More from Crikey readers on how newspapers and
magazines creatively increase their circulations to pull the wool over
the eyes of advertisers.
From a Queensland reader:
Just to confirm a previous person’s email, News Ltd in Queensland is still providing copies of The Courier-Mail
each school day for $10 a year to state school teachers (maybe the
private ones too). This year they also brought in the $5 per week deal
for holiday periods. I’m a state school teacher and most of us would be
getting the paper every school day, at least.
And another reader tells of a common circulation-boosting ploy that advertisers aren’t told about:
I’m
pretty sure the various magazine groups would also still include
magazines bunched together in show bags at various events as sales, as
technically money does change hands, however much they may be
discounted.
An ex-Queensland newsagent who sold out in September last year, after ten years in the game, writes:
The ridiculously cheap teacher deal came about up here probably seven to eight years ago.
We
delivered to four schools – three state and one private. With the time
taken to make sure the bundles were counted out correctly, tied
securely and waterproofed (as they were dumped over the fence
in the wee hours) it was not a profitable proposition. For newsagents
to be then asked by Queensland Newspapers to sponsor the teachers’
papers out of their own pockets was an insult. I used the word “dumped”
deliberately as I know many of the papers were not read and at least
one school had a problem disposing of all the paper.
The wife
and I had a bit of a laugh with the release of the first newspaper
audit results following the commencement of the “rort”. Queensland
Newspapers were bragging how the M-F sales had increased by, from
memory, something like 15,000 per day! M-F sales had been dropping for
a long time prior to that.
The private school we delivered to
had quite different holidays to the state schools and I was requested
on more than one occasion not to deliver the papers during the holidays
because no-one would be there. When Circulation was contacted to reduce
our supply (from memory around 50 per day) the answer always was that
they wouldn’t reduce supply but to send them back with our returns ”

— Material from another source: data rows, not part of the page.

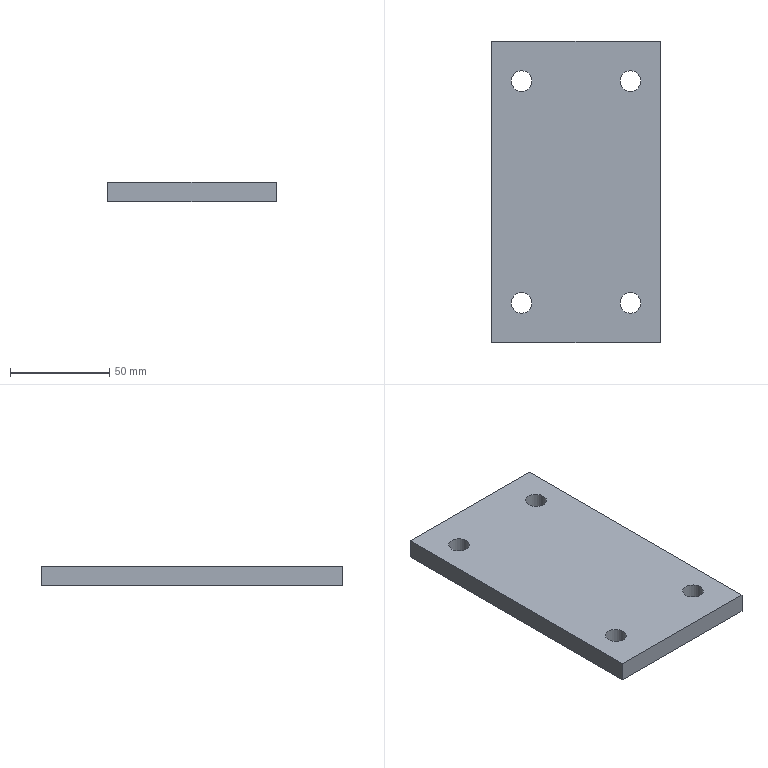Component | NX | FIXED_PLATE_7 | 1 solid | 10 faces | box 85 x 152 x 10 mm | volume 125736 mm3 | plane 6 | cylinder 4 | commonest cylinder face diameters 10.5 x4
STEP:
#1=CARTESIAN_POINT('',(0.,0.,0.));
#2=DIRECTION('',(0.,0.,1.));
#3=DIRECTION('',(1.,0.,0.));
#4=AXIS2_PLACEMENT_3D('',#1,#2,#3);
#5=CARTESIAN_POINT('',(1381.754,1330.,781.574));
#6=VERTEX_POINT('',#5);
#7=CARTESIAN_POINT('',(1381.754,1178.,781.574));
#8=VERTEX_POINT('',#7);
#9=CARTESIAN_POINT('',(1381.754,1330.,781.574));
#10=DIRECTION('',(0.,-1.,0.));
#11=VECTOR('',#10,1.);
#12=LINE('',#9,#11);
#13=CARTESIAN_POINT('',(1381.754,1330.,771.574));
#14=DIRECTION('',(-1.,0.,0.));
#15=DIRECTION('',(0.,0.,1.));
#16=AXIS2_PLACEMENT_3D('',#13,#14,#15);
#17=PLANE('',#16);
#18=CARTESIAN_POINT('',(10.,0.));
#19=DIRECTION('',(0.,-1.));
#20=VECTOR('',#19,1.);
#21=LINE('',#18,#20);
#22=(GEOMETRIC_REPRESENTATION_CONTEXT(2)PARAMETRIC_REPRESENTATION_CONTEXT()REPRESENTATION_CONTEXT('',''));
#23=DEFINITIONAL_REPRESENTATION('',(#21),#22);
#24=PCURVE('',#17,#23);
#25=CARTESIAN_POINT('',(1396.754,1198.,781.574));
#26=DIRECTION('',(0.,0.,1.));
#27=DIRECTION('',(1.,0.,0.));
#28=AXIS2_PLACEMENT_3D('',#25,#26,#27);
#29=PLANE('',#28);
#30=CARTESIAN_POINT('',(-15.,132.));
#31=DIRECTION('',(0.,-1.));
#32=VECTOR('',#31,1.);
#33=LINE('',#30,#32);
#34=(GEOMETRIC_REPRESENTATION_CONTEXT(2)PARAMETRIC_REPRESENTATION_CONTEXT()REPRESENTATION_CONTEXT('',''));
#35=DEFINITIONAL_REPRESENTATION('',(#33),#34);
#36=PCURVE('',#29,#35);
#37=SURFACE_CURVE('',#12,(#24,#36),.PCURVE_S1.);
#38=EDGE_CURVE('',#6,#8,#37,.T.);
#39=ORIENTED_EDGE('',*,*,#38,.F.);
#40=CARTESIAN_POINT('',(1381.754,1330.,771.574));
#41=VERTEX_POINT('',#40);
#42=CARTESIAN_POINT('',(1381.754,1330.,771.574));
#43=DIRECTION('',(0.,0.,1.));
#44=VECTOR('',#43,1.);
#45=LINE('',#42,#44);
#46=CARTESIAN_POINT('',(0.,0.));
#47=DIRECTION('',(1.,0.));
#48=VECTOR('',#47,1.);
#49=LINE('',#46,#48);
#50=(GEOMETRIC_REPRESENTATION_CONTEXT(2)PARAMETRIC_REPRESENTATION_CONTEXT()REPRESENTATION_CONTEXT('',''));
#51=DEFINITIONAL_REPRESENTATION('',(#49),#50);
#52=PCURVE('',#17,#51);
#53=CARTESIAN_POINT('',(1466.754,1330.,771.574));
#54=DIRECTION('',(0.,1.,0.));
#55=DIRECTION('',(0.,0.,1.));
#56=AXIS2_PLACEMENT_3D('',#53,#54,#55);
#57=PLANE('',#56);
#58=CARTESIAN_POINT('',(0.,-85.));
#59=DIRECTION('',(1.,0.));
#60=VECTOR('',#59,1.);
#61=LINE('',#58,#60);
#62=(GEOMETRIC_REPRESENTATION_CONTEXT(2)PARAMETRIC_REPRESENTATION_CONTEXT()REPRESENTATION_CONTEXT('',''));
#63=DEFINITIONAL_REPRESENTATION('',(#61),#62);
#64=PCURVE('',#57,#63);
#65=SURFACE_CURVE('',#45,(#52,#64),.PCURVE_S1.);
#66=EDGE_CURVE('',#41,#6,#65,.T.);
#67=ORIENTED_EDGE('',*,*,#66,.F.);
#68=CARTESIAN_POINT('',(1381.754,1178.,771.574));
#69=VERTEX_POINT('',#68);
#70=CARTESIAN_POINT('',(1381.754,1330.,771.574));
#71=DIRECTION('',(0.,-1.,0.));
#72=VECTOR('',#71,1.);
#73=LINE('',#70,#72);
#74=CARTESIAN_POINT('',(0.,0.));
#75=DIRECTION('',(0.,-1.));
#76=VECTOR('',#75,1.);
#77=LINE('',#74,#76);
#78=(GEOMETRIC_REPRESENTATION_CONTEXT(2)PARAMETRIC_REPRESENTATION_CONTEXT()REPRESENTATION_CONTEXT('',''));
#79=DEFINITIONAL_REPRESENTATION('',(#77),#78);
#80=PCURVE('',#17,#79);
#81=CARTESIAN_POINT('',(1396.754,1198.,771.574));
#82=DIRECTION('',(0.,0.,1.));
#83=DIRECTION('',(1.,0.,0.));
#84=AXIS2_PLACEMENT_3D('',#81,#82,#83);
#85=PLANE('',#84);
#86=CARTESIAN_POINT('',(-15.,132.));
#87=DIRECTION('',(0.,-1.));
#88=VECTOR('',#87,1.);
#89=LINE('',#86,#88);
#90=(GEOMETRIC_REPRESENTATION_CONTEXT(2)PARAMETRIC_REPRESENTATION_CONTEXT()REPRESENTATION_CONTEXT('',''));
#91=DEFINITIONAL_REPRESENTATION('',(#89),#90);
#92=PCURVE('',#85,#91);
#93=SURFACE_CURVE('',#73,(#80,#92),.PCURVE_S1.);
#94=EDGE_CURVE('',#41,#69,#93,.T.);
#95=ORIENTED_EDGE('',*,*,#94,.T.);
#96=CARTESIAN_POINT('',(1381.754,1178.,771.574));
#97=DIRECTION('',(0.,0.,1.));
#98=VECTOR('',#97,1.);
#99=LINE('',#96,#98);
#100=CARTESIAN_POINT('',(0.,-152.));
#101=DIRECTION('',(1.,0.));
#102=VECTOR('',#101,1.);
#103=LINE('',#100,#102);
#104=(GEOMETRIC_REPRESENTATION_CONTEXT(2)PARAMETRIC_REPRESENTATION_CONTEXT()REPRESENTATION_CONTEXT('',''));
#105=DEFINITIONAL_REPRESENTATION('',(#103),#104);
#106=PCURVE('',#17,#105);
#107=CARTESIAN_POINT('',(1381.754,1178.,771.574));
#108=DIRECTION('',(0.,-1.,0.));
#109=DIRECTION('',(0.,0.,-1.));
#110=AXIS2_PLACEMENT_3D('',#107,#108,#109);
#111=PLANE('',#110);
#112=CARTESIAN_POINT('',(0.,0.));
#113=DIRECTION('',(-1.,0.));
#114=VECTOR('',#113,1.);
#115=LINE('',#112,#114);
#116=(GEOMETRIC_REPRESENTATION_CONTEXT(2)PARAMETRIC_REPRESENTATION_CONTEXT()REPRESENTATION_CONTEXT('',''));
#117=DEFINITIONAL_REPRESENTATION('',(#115),#116);
#118=PCURVE('',#111,#117);
#119=SURFACE_CURVE('',#99,(#106,#118),.PCURVE_S1.);
#120=EDGE_CURVE('',#69,#8,#119,.T.);
#121=ORIENTED_EDGE('',*,*,#120,.T.);
#122=EDGE_LOOP('',(#39,#67,#95,#121));
#123=FACE_BOUND('',#122,.T.);
#124=ADVANCED_FACE('',(#123),#17,.T.);
#125=CARTESIAN_POINT('',(1466.754,1178.,781.574));
#126=VERTEX_POINT('',#125);
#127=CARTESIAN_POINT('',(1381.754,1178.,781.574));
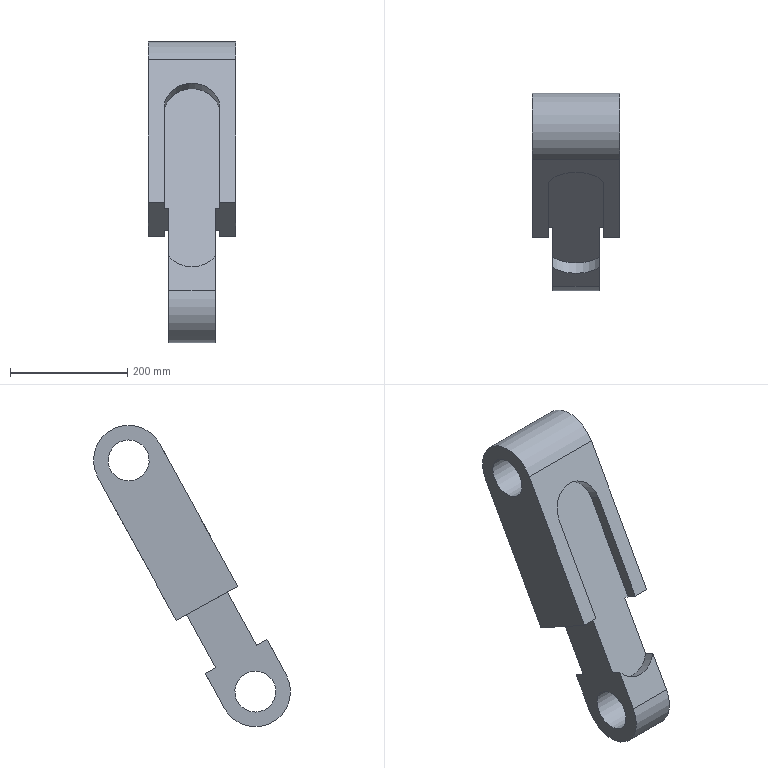Component | NX | UPPER_HYD_ROD | 1 solid | 28 faces | volume 5848426 mm3 | plane 20 | cylinder 8 | commonest cylinder face diameters 95 x4 120 x2 70 x2

but don’t include them”. Obviously they were still to be regarded as
sales!
It never ceased to amaze me the number of papers, be it The Australian or Courier-Mail
delivered on special occasions such as Anzac Day, Olympics etc. The
Athens Olympics were a good example as we were delivering 240 papers
per day in total (on top of the teachers’ papers), seven days a week
for the duration of the games to three of the schools.
We’re
also getting quite a bit of email about what happens in the ‘trade
press’ – industry magazines and newspapers. Like this one from a Sydney
reader:
If you think the big audits are
crook, the trade press has this stuff down to a fine art. I once had
some dealings with a publication that claimed a circulation of over
5,000 but staff would tell you that only 1,000 copies were actually
printed and distributed.
Bizzarely, I was seven of those 1,000.
They gave away free subscriptions to qualified readers, ie those that
would interest advertisers the most. In this case it was senior IT
executives. Whenever the company I then worked for received one of the
surveys calling for new qualified readers, we would invent a new person
and ascribe millions of dollars in IT purchasing power to this
fictitious executive. These people never failed to qualify as
subscribers.
Despite the fact we ended up with seven subscribers
all at the same address, the publisher never figured it out and we kept
getting seven copies a week until the day the magazine closed its doors.
And a Crikey reader refers us to this story, in yesterday’s Australian, about a particularly interesting circulation dispute between trade magazines that cover the advertising industry itself:
Mag sales don’t ad up for B&T
By Sally Jackson
Reed Business Information has agreed to revert to a Circulation Audit Bureau audit for its marketing magazine, B&T , following legal action by Yaffa Publishing, owner of rival AdNews.
Yaffa went to the Federal Court after B&T joined the Audit Bureau of Circulation’s audit in the December half and was shown to be selling 6,603 copies a week to AdNews’s 5,793 copies a fortnight.
Yaffa claimed copies of B&T
provided to members of the Australian Marketing Institute, which were
included in the ABC figure, did not conform to ABC rules on what
constitutes net paid sales. (The ABC audit measures paid sales but CAB
audits provide verified distribution data.)
The matter was settled yesterday just as the hearing before Justice Peter Hely was to begin.
A statement from B&T said the magazine was paid by the institute to provide copies to its members.
However, B&T
accepts that the existing contract between it and the AMI is not
construed in a way which allows the copies provided to AMI members to
be included in an ABC audit, it said. B&T remained the
highest circulating advertising media and marketing magazine in
Australia with 7,343 copies, as of the CAB September 2004 audit.
Although
the AMI proportion of its circulation does not qualify under its
current agreement with the AMI for inclusion in an ABC audit, a large
percentage of B&T’s circulation remains paid, either by subscription or by sales on newsstands.
Yaffa group sales manager James Yaffa said AdNews was Australia’s top-selling advertising, marketing and media magazine.